Non-trivial: (1) We systematically ignore base rates because the inside story is vivid while the reference class is dull — the root of the planning fallacy: nearly everyone underestimates how long a renovation, a paper, or a project will take, because each time it feels "different this time." (2) This is just another name for Bayesian updating: the base rate is the prior, the case-specific evidence is the likelihood, and the right move is to start from the prior and adjust by evidence strength. Starting from the inside view = discarding the prior and estimating from scratch, with absurdly high variance. (3) The key skill is choosing the reference class: too narrow ("a project exactly like mine") collapses back to the inside view; too broad loses information. A good reference class is similar on the structural features that decide success.
Practice: before any estimate leaves your mouth, ask "what class of thing is this, and what's that class's track record." Write that number down as the anchor, then discuss what's special about yours.
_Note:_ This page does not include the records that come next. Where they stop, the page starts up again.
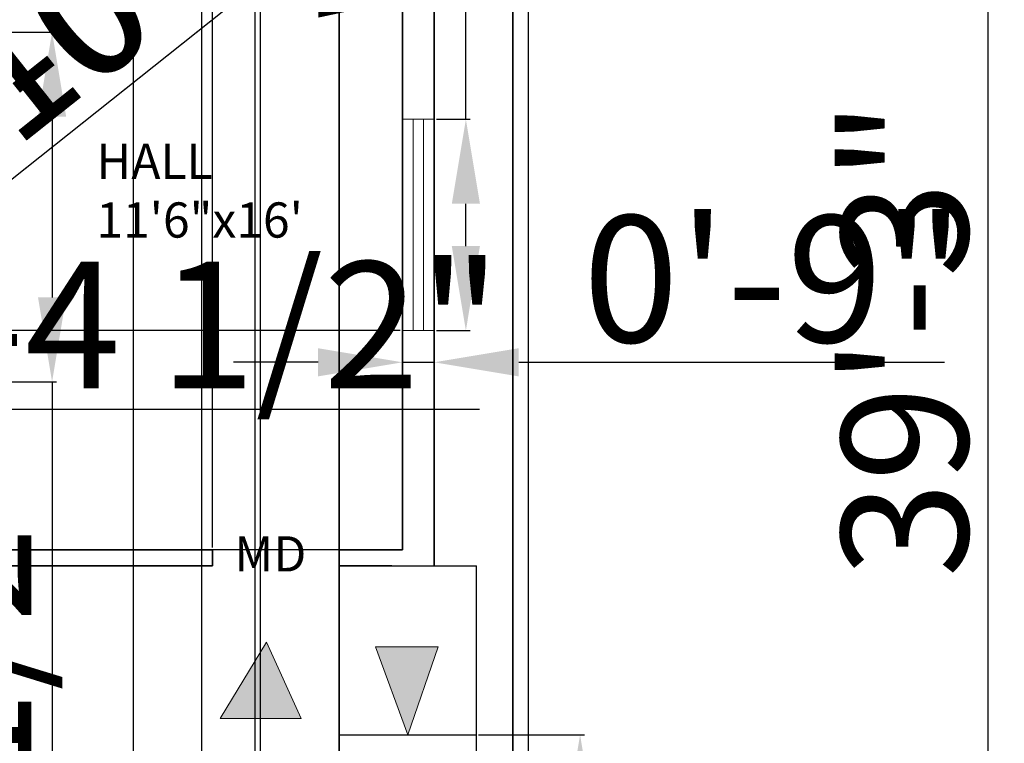
# Model space of a CAD drawing. Units: inches. Extents: x 1041 to 1781, y -140 to 732.
# Tile 3 of 6: x 1359 to 1638, y 153 to 358. Entities that reach past the tile are written whole.
import ezdxf

# ---------------------------------------------------------------- set-up
doc = ezdxf.new("R2010")
doc.units = ezdxf.units.IN
for name, color, linetype, lineweight in [('A-ANNO-SYMB', 7, 'Continuous', 18), ('A-ANNO-TEXT', 7, 'Continuous', 18), ('A-AREA-IDEN', 7, 'Continuous', 20), ('A-FLOR', 7, 'Continuous', 25), ('A-FLOR-STRS', 7, 'Continuous', 25), ('A-GLAZ', 4, 'Continuous', 18), ('A-WALL', 7, 'Continuous', 35), ('C-PROP', 3, 'Continuous', 25), ('dimension', 130, 'Continuous', 18)]:
    doc.layers.add(name, color=color, linetype=linetype, lineweight=lineweight)
doc.layers.add('A-ANNO-SYMB-PATT', color=18, linetype='Continuous', lineweight=18, true_color=0x000000)
doc.styles.get("Standard").update_dxf_attribs({"font": 'arial.ttf'})
doc.dimstyles.new('ISO-25', dxfattribs={"dimtxt": 36, "dimasz": 24, "dimexe": 1.25, "dimexo": 0.625, "dimtad": 1, "dimlunit": 4, "dimtxsty": 'Standard', "dimcen": 2.5, "dimadec": 0, "dimazin": 0, "dimtfac": 1, "dimtmove": 0, "dimatfit": 3, "dimfxl": 1, "dimarcsym": 0})

# ---------------------------------------------------------------- blocks, each defined once
blk = doc.blocks.new('windowcc')
for p, q in [((1195.89, 1013.93), (1195.89, 953.93)), ((1198.89, 1013.93), (1198.89, 953.93)), ((1201.89, 953.93), (1201.89, 1013.93)), ((1204.89, 953.93), (1204.89, 1013.93)), ((1195.89, 953.93), (1204.89, 953.93))]:
    blk.add_line(p, q)
blk = doc.blocks.new('windowcc1')
blk.add_line((1204.89, 1013.93), (1195.89, 1013.93))
blk.add_blockref('windowcc', (0, 0))
blk = doc.blocks.new('*D10')
at = {"layer": 'Defpoints', "color": 0, "transparency": 16777216}
for p in [(1174.94, 364.32), (1183.94, 364.32), (1183.94, 360.72)]:
    blk.add_point(p, dxfattribs=at)
at = {"layer": 'dimension', "color": 0, "lineweight": -2, "transparency": 16777216}
for p, q in [((1174.94, 363.69), (1174.94, 359.47)), ((1183.94, 363.69), (1183.94, 359.47)), ((1150.94, 360.72), (1126.94, 360.72)), ((1174.94, 360.72), (1183.94, 360.72)), ((1207.94, 360.72), (1452.63, 360.72))]:
    blk.add_line(p, q, dxfattribs=at)
at = {"layer": 'dimension', "color": 0, "transparency": 16777216}
for points in [[(1150.94, 364.72), (1150.94, 356.72), (1174.94, 360.72)], [(1207.94, 364.72), (1207.94, 356.72), (1183.94, 360.72)]]:
    blk.add_solid(points, dxfattribs=at)
at = {"layer": 'dimension', "color": 0, "transparency": 16777216, "insert": (1342.28, 379.72), "char_height": 36, "attachment_point": 5}
blk.add_mtext('0\'-9" TYP.', dxfattribs=at)
blk = doc.blocks.new('*D13')
at = {"layer": 'Defpoints', "color": 0, "transparency": 16777216}
for p in [(1476.44, 329.99), (1485.44, 329.99), (1476.44, 269.99)]:
    blk.add_point(p, dxfattribs=at)
at = {"layer": 'dimension', "color": 0, "lineweight": -2, "transparency": 16777216}
for p, q in [((1485.44, 329.99), (1485.44, 687.05)), ((1477.06, 329.99), (1486.69, 329.99)), ((1485.44, 293.99), (1485.44, 305.99)), ((1477.06, 269.99), (1486.69, 269.99))]:
    blk.add_line(p, q, dxfattribs=at)
at = {"layer": 'dimension', "color": 0, "transparency": 16777216}
for points in [[(1481.44, 305.99), (1489.44, 305.99), (1485.44, 329.99)], [(1481.44, 293.99), (1489.44, 293.99), (1485.44, 269.99)]]:
    blk.add_solid(points, dxfattribs=at)
at = {"layer": 'dimension', "color": 0, "transparency": 16777216, "insert": (1466.19, 520.52), "char_height": 36, "attachment_point": 5, "rotation": 90}
blk.add_mtext('WINDOW 5\'-0"', dxfattribs=at)
blk = doc.blocks.new('*D14')
at = {"layer": 'Defpoints', "color": 0, "transparency": 16777216}
for p in [(1467.44, 269.99), (1476.44, 269.99), (1476.44, 260.99)]:
    blk.add_point(p, dxfattribs=at)
at = {"layer": 'dimension', "color": 0, "lineweight": -2, "transparency": 16777216}
for p, q in [((1467.44, 269.36), (1467.44, 259.74)), ((1476.44, 269.36), (1476.44, 259.74)), ((1443.44, 260.99), (1419.44, 260.99)), ((1467.44, 260.99), (1476.44, 260.99)), ((1500.44, 260.99), (1621.38, 260.99))]:
    blk.add_line(p, q, dxfattribs=at)
at = {"layer": 'dimension', "color": 0, "transparency": 16777216}
for points in [[(1443.44, 264.99), (1443.44, 256.99), (1467.44, 260.99)], [(1500.44, 264.99), (1500.44, 256.99), (1476.44, 260.99)]]:
    blk.add_solid(points, dxfattribs=at)
at = {"layer": 'dimension', "color": 0, "transparency": 16777216, "insert": (1572.91, 280), "char_height": 36, "attachment_point": 5}
blk.add_mtext('0\'-9"', dxfattribs=at)
blk = doc.blocks.new('*D16')
at = {"layer": 'Defpoints', "color": 0, "transparency": 16777216}
for p in [(1498.75, 503.23), (1633.79, 503.23), (1498.75, 32.23)]:
    blk.add_point(p, dxfattribs=at)
at = {"layer": 'dimension', "color": 0, "lineweight": -2, "transparency": 16777216}
for p, q in [((1499.37, 503.23), (1635.04, 503.23)), ((1633.79, 56.23), (1633.79, 479.23)), ((1499.37, 32.23), (1635.04, 32.23))]:
    blk.add_line(p, q, dxfattribs=at)
at = {"layer": 'dimension', "color": 0, "transparency": 16777216}
for points in [[(1629.79, 479.23), (1637.79, 479.23), (1633.79, 503.23)], [(1629.79, 56.23), (1637.79, 56.23), (1633.79, 32.23)]]:
    blk.add_solid(points, dxfattribs=at)
at = {"layer": 'dimension', "color": 0, "transparency": 16777216, "insert": (1614.78, 267.73), "char_height": 36, "attachment_point": 5, "rotation": 90}
blk.add_mtext('39\'-3"', dxfattribs=at)
blk = doc.blocks.new('*D18')
at = {"layer": 'Defpoints', "color": 0, "transparency": 16777216}
for p in [(1449.44, 541.68), (1413.44, 207.73), (1449.44, 207.73)]:
    blk.add_point(p, dxfattribs=at)
at = {"layer": 'dimension', "color": 0, "lineweight": -2, "transparency": 16777216}
for p, q in [((1413.44, 208.36), (1413.44, 542.93)), ((1449.44, 208.36), (1449.44, 542.93)), ((1389.44, 541.68), (1365.44, 541.68)), ((1413.44, 541.68), (1449.44, 541.68)), ((1473.44, 541.68), (1594.36, 541.68))]:
    blk.add_line(p, q, dxfattribs=at)
at = {"layer": 'dimension', "color": 0, "transparency": 16777216}
for points in [[(1389.44, 545.68), (1389.44, 537.68), (1413.44, 541.68)], [(1473.44, 545.68), (1473.44, 537.68), (1449.44, 541.68)]]:
    blk.add_solid(points, dxfattribs=at)
at = {"layer": 'dimension', "color": 0, "transparency": 16777216, "insert": (1545.9, 560.7), "char_height": 36, "attachment_point": 5}
blk.add_mtext('3\'-0"', dxfattribs=at)
blk = doc.blocks.new('*D19')
at = {"layer": 'Defpoints', "color": 0, "transparency": 16777216}
for p in [(1354.94, 447.73), (1390.94, 447.73), (1390.94, 2.78)]:
    blk.add_point(p, dxfattribs=at)
at = {"layer": 'dimension', "color": 0, "lineweight": -2, "transparency": 16777216}
for p, q in [((1354.94, 447.11), (1354.94, 1.53)), ((1390.94, 447.11), (1390.94, 1.53)), ((1330.94, 2.78), (1306.94, 2.78)), ((1354.94, 2.78), (1390.94, 2.78)), ((1414.94, 2.78), (1535.86, 2.78))]:
    blk.add_line(p, q, dxfattribs=at)
at = {"layer": 'dimension', "color": 0, "transparency": 16777216}
for points in [[(1330.94, 6.78), (1330.94, -1.22), (1354.94, 2.78)], [(1414.94, 6.78), (1414.94, -1.22), (1390.94, 2.78)]]:
    blk.add_solid(points, dxfattribs=at)
at = {"layer": 'dimension', "color": 0, "transparency": 16777216, "insert": (1487.4, 21.8), "char_height": 36, "attachment_point": 5}
blk.add_mtext('3\'-0"', dxfattribs=at)
blk = doc.blocks.new('*D20')
at = {"layer": 'Defpoints', "color": 0, "transparency": 16777216}
for p in [(1425.44, 395.23), (1449.44, 395.23), (1449.44, 2.78)]:
    blk.add_point(p, dxfattribs=at)
at = {"layer": 'dimension', "color": 0, "lineweight": -2, "transparency": 16777216}
for p, q in [((1425.44, 394.61), (1425.44, 1.53)), ((1449.44, 394.61), (1449.44, 1.53)), ((1401.44, 2.78), (1377.44, 2.78)), ((1425.44, 2.78), (1449.44, 2.78)), ((1473.44, 2.78), (1595, 2.78))]:
    blk.add_line(p, q, dxfattribs=at)
at = {"layer": 'dimension', "color": 0, "transparency": 16777216}
for points in [[(1401.44, 6.78), (1401.44, -1.22), (1425.44, 2.78)], [(1473.44, 6.78), (1473.44, -1.22), (1449.44, 2.78)]]:
    blk.add_solid(points, dxfattribs=at)
at = {"layer": 'dimension', "color": 0, "transparency": 16777216, "insert": (1546.22, 21.79), "char_height": 36, "attachment_point": 5}
blk.add_mtext('2\'-0"', dxfattribs=at)
blk = doc.blocks.new('*D21')
at = {"layer": 'Defpoints', "color": 0, "transparency": 16777216}
for p in [(1449.44, 541.68), (1410.44, 41.23), (1449.44, 41.23)]:
    blk.add_point(p, dxfattribs=at)
at = {"layer": 'dimension', "color": 0, "lineweight": -2, "transparency": 16777216}
for p, q in [((1410.44, 41.86), (1410.44, 542.93)), ((1449.44, 41.86), (1449.44, 542.93)), ((1386.44, 541.68), (1362.44, 541.68)), ((1410.44, 541.68), (1449.44, 541.68)), ((1473.44, 541.68), (1594.36, 541.68))]:
    blk.add_line(p, q, dxfattribs=at)
at = {"layer": 'dimension', "color": 0, "transparency": 16777216}
for points in [[(1386.44, 545.68), (1386.44, 537.68), (1410.44, 541.68)], [(1473.44, 545.68), (1473.44, 537.68), (1449.44, 541.68)]]:
    blk.add_solid(points, dxfattribs=at)
at = {"layer": 'dimension', "color": 0, "transparency": 16777216, "insert": (1545.9, 560.7), "char_height": 36, "attachment_point": 5}
blk.add_mtext('3\'-3"', dxfattribs=at)
blk = doc.blocks.new('*D23')
at = {"layer": 'Defpoints', "color": 0, "transparency": 16777216}
for p in [(1302.68, 270.36), (1321, 247.3), (1302.2, 232.37)]:
    blk.add_point(p, dxfattribs=at)
at = {"layer": 'dimension', "color": 0, "lineweight": -2, "transparency": 16777216}
for p, q in [((1321.47, 285.29), (1416.66, 360.9)), ((1320.61, 247.79), (1301.9, 271.34)), ((1283.89, 255.44), (1302.68, 270.36)), ((1301.82, 232.86), (1283.11, 256.41)), ((1265.09, 240.51), (1246.3, 225.58))]:
    blk.add_line(p, q, dxfattribs=at)
at = {"layer": 'dimension', "color": 0, "transparency": 16777216}
for points in [[(1318.99, 288.42), (1323.96, 282.16), (1302.68, 270.36)], [(1262.61, 243.64), (1267.58, 237.38), (1283.89, 255.44)]]:
    blk.add_solid(points, dxfattribs=at)
at = {"layer": 'dimension', "color": 0, "transparency": 16777216, "insert": (1366.64, 345.44), "char_height": 36, "attachment_point": 5, "rotation": 38.4594}
blk.add_mtext('2\'-0"', dxfattribs=at)
blk = doc.blocks.new('*D29')
at = {"layer": 'Defpoints', "color": 0, "transparency": 16777216}
for p in [(1113.8, 269.99), (1467.44, 269.99), (1467.44, 207.73)]:
    blk.add_point(p, dxfattribs=at)
at = {"layer": 'dimension', "color": 0, "lineweight": -2, "transparency": 16777216}
for p, q in [((1113.8, 269.99), (1113.8, 474.82)), ((1466.81, 269.99), (1112.55, 269.99)), ((1113.8, 231.73), (1113.8, 245.99)), ((1466.81, 207.73), (1112.55, 207.73))]:
    blk.add_line(p, q, dxfattribs=at)
at = {"layer": 'dimension', "color": 0, "transparency": 16777216}
for points in [[(1109.8, 245.99), (1117.8, 245.99), (1113.8, 269.99)], [(1109.8, 231.73), (1117.8, 231.73), (1113.8, 207.73)]]:
    blk.add_solid(points, dxfattribs=at)
at = {"layer": 'dimension', "color": 0, "transparency": 16777216, "insert": (1094.56, 384.41), "char_height": 36, "attachment_point": 5, "rotation": 90}
blk.add_mtext('5\'-2 1/2"', dxfattribs=at)
blk = doc.blocks.new('*D31')
at = {"layer": 'Defpoints', "color": 0, "transparency": 16777216}
for p in [(1390.94, 447.73), (1427, 447.73), (1427, 2.78)]:
    blk.add_point(p, dxfattribs=at)
at = {"layer": 'dimension', "color": 0, "lineweight": -2, "transparency": 16777216}
for p, q in [((1390.94, 447.11), (1390.94, 1.53)), ((1427, 447.11), (1427, 1.53)), ((1366.94, 2.78), (1342.94, 2.78)), ((1390.94, 2.78), (1427, 2.78)), ((1451, 2.78), (1571.93, 2.78))]:
    blk.add_line(p, q, dxfattribs=at)
at = {"layer": 'dimension', "color": 0, "transparency": 16777216}
for points in [[(1366.94, 6.78), (1366.94, -1.22), (1390.94, 2.78)], [(1451, 6.78), (1451, -1.22), (1427, 2.78)]]:
    blk.add_solid(points, dxfattribs=at)
at = {"layer": 'dimension', "color": 0, "transparency": 16777216, "insert": (1523.46, 21.8), "char_height": 36, "attachment_point": 5}
blk.add_mtext('3\'-0"', dxfattribs=at)
blk = doc.blocks.new('*D32')
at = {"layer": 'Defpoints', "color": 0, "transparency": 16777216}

Large infrastructure almost always runs late and over budget — because every project team uses the inside view to tell a "we'll manage better this time" story, ignoring the cold reference-class base rate. "Reference-class forecasting" was later written into some public-investment guidance: it mandates pulling the real overrun distribution of similar projects as the starting point, then adjusting. Just changing the starting point made forecasts dramatically more reliable.
Scheduling an AI feature, the team's inside view is "the spec is clear, two weeks is enough." Outside view: dig out the actual delivery of the last 10 sprints; the base rate might be "two-week claims took a median of five weeks" — that's your prior, then fine-tune for what's genuinely special this time. This dovetails with Bayesian Thinking (Day 7): the base rate is the prior. In distributed systems, estimating a node class's failure rate works the same — don't reason about "this one server" in a vacuum; look at the historical failure distribution of a whole fleet of the same model, a far more reliable starting point. The outside view isn't pessimism — it's putting the prior back where it belongs.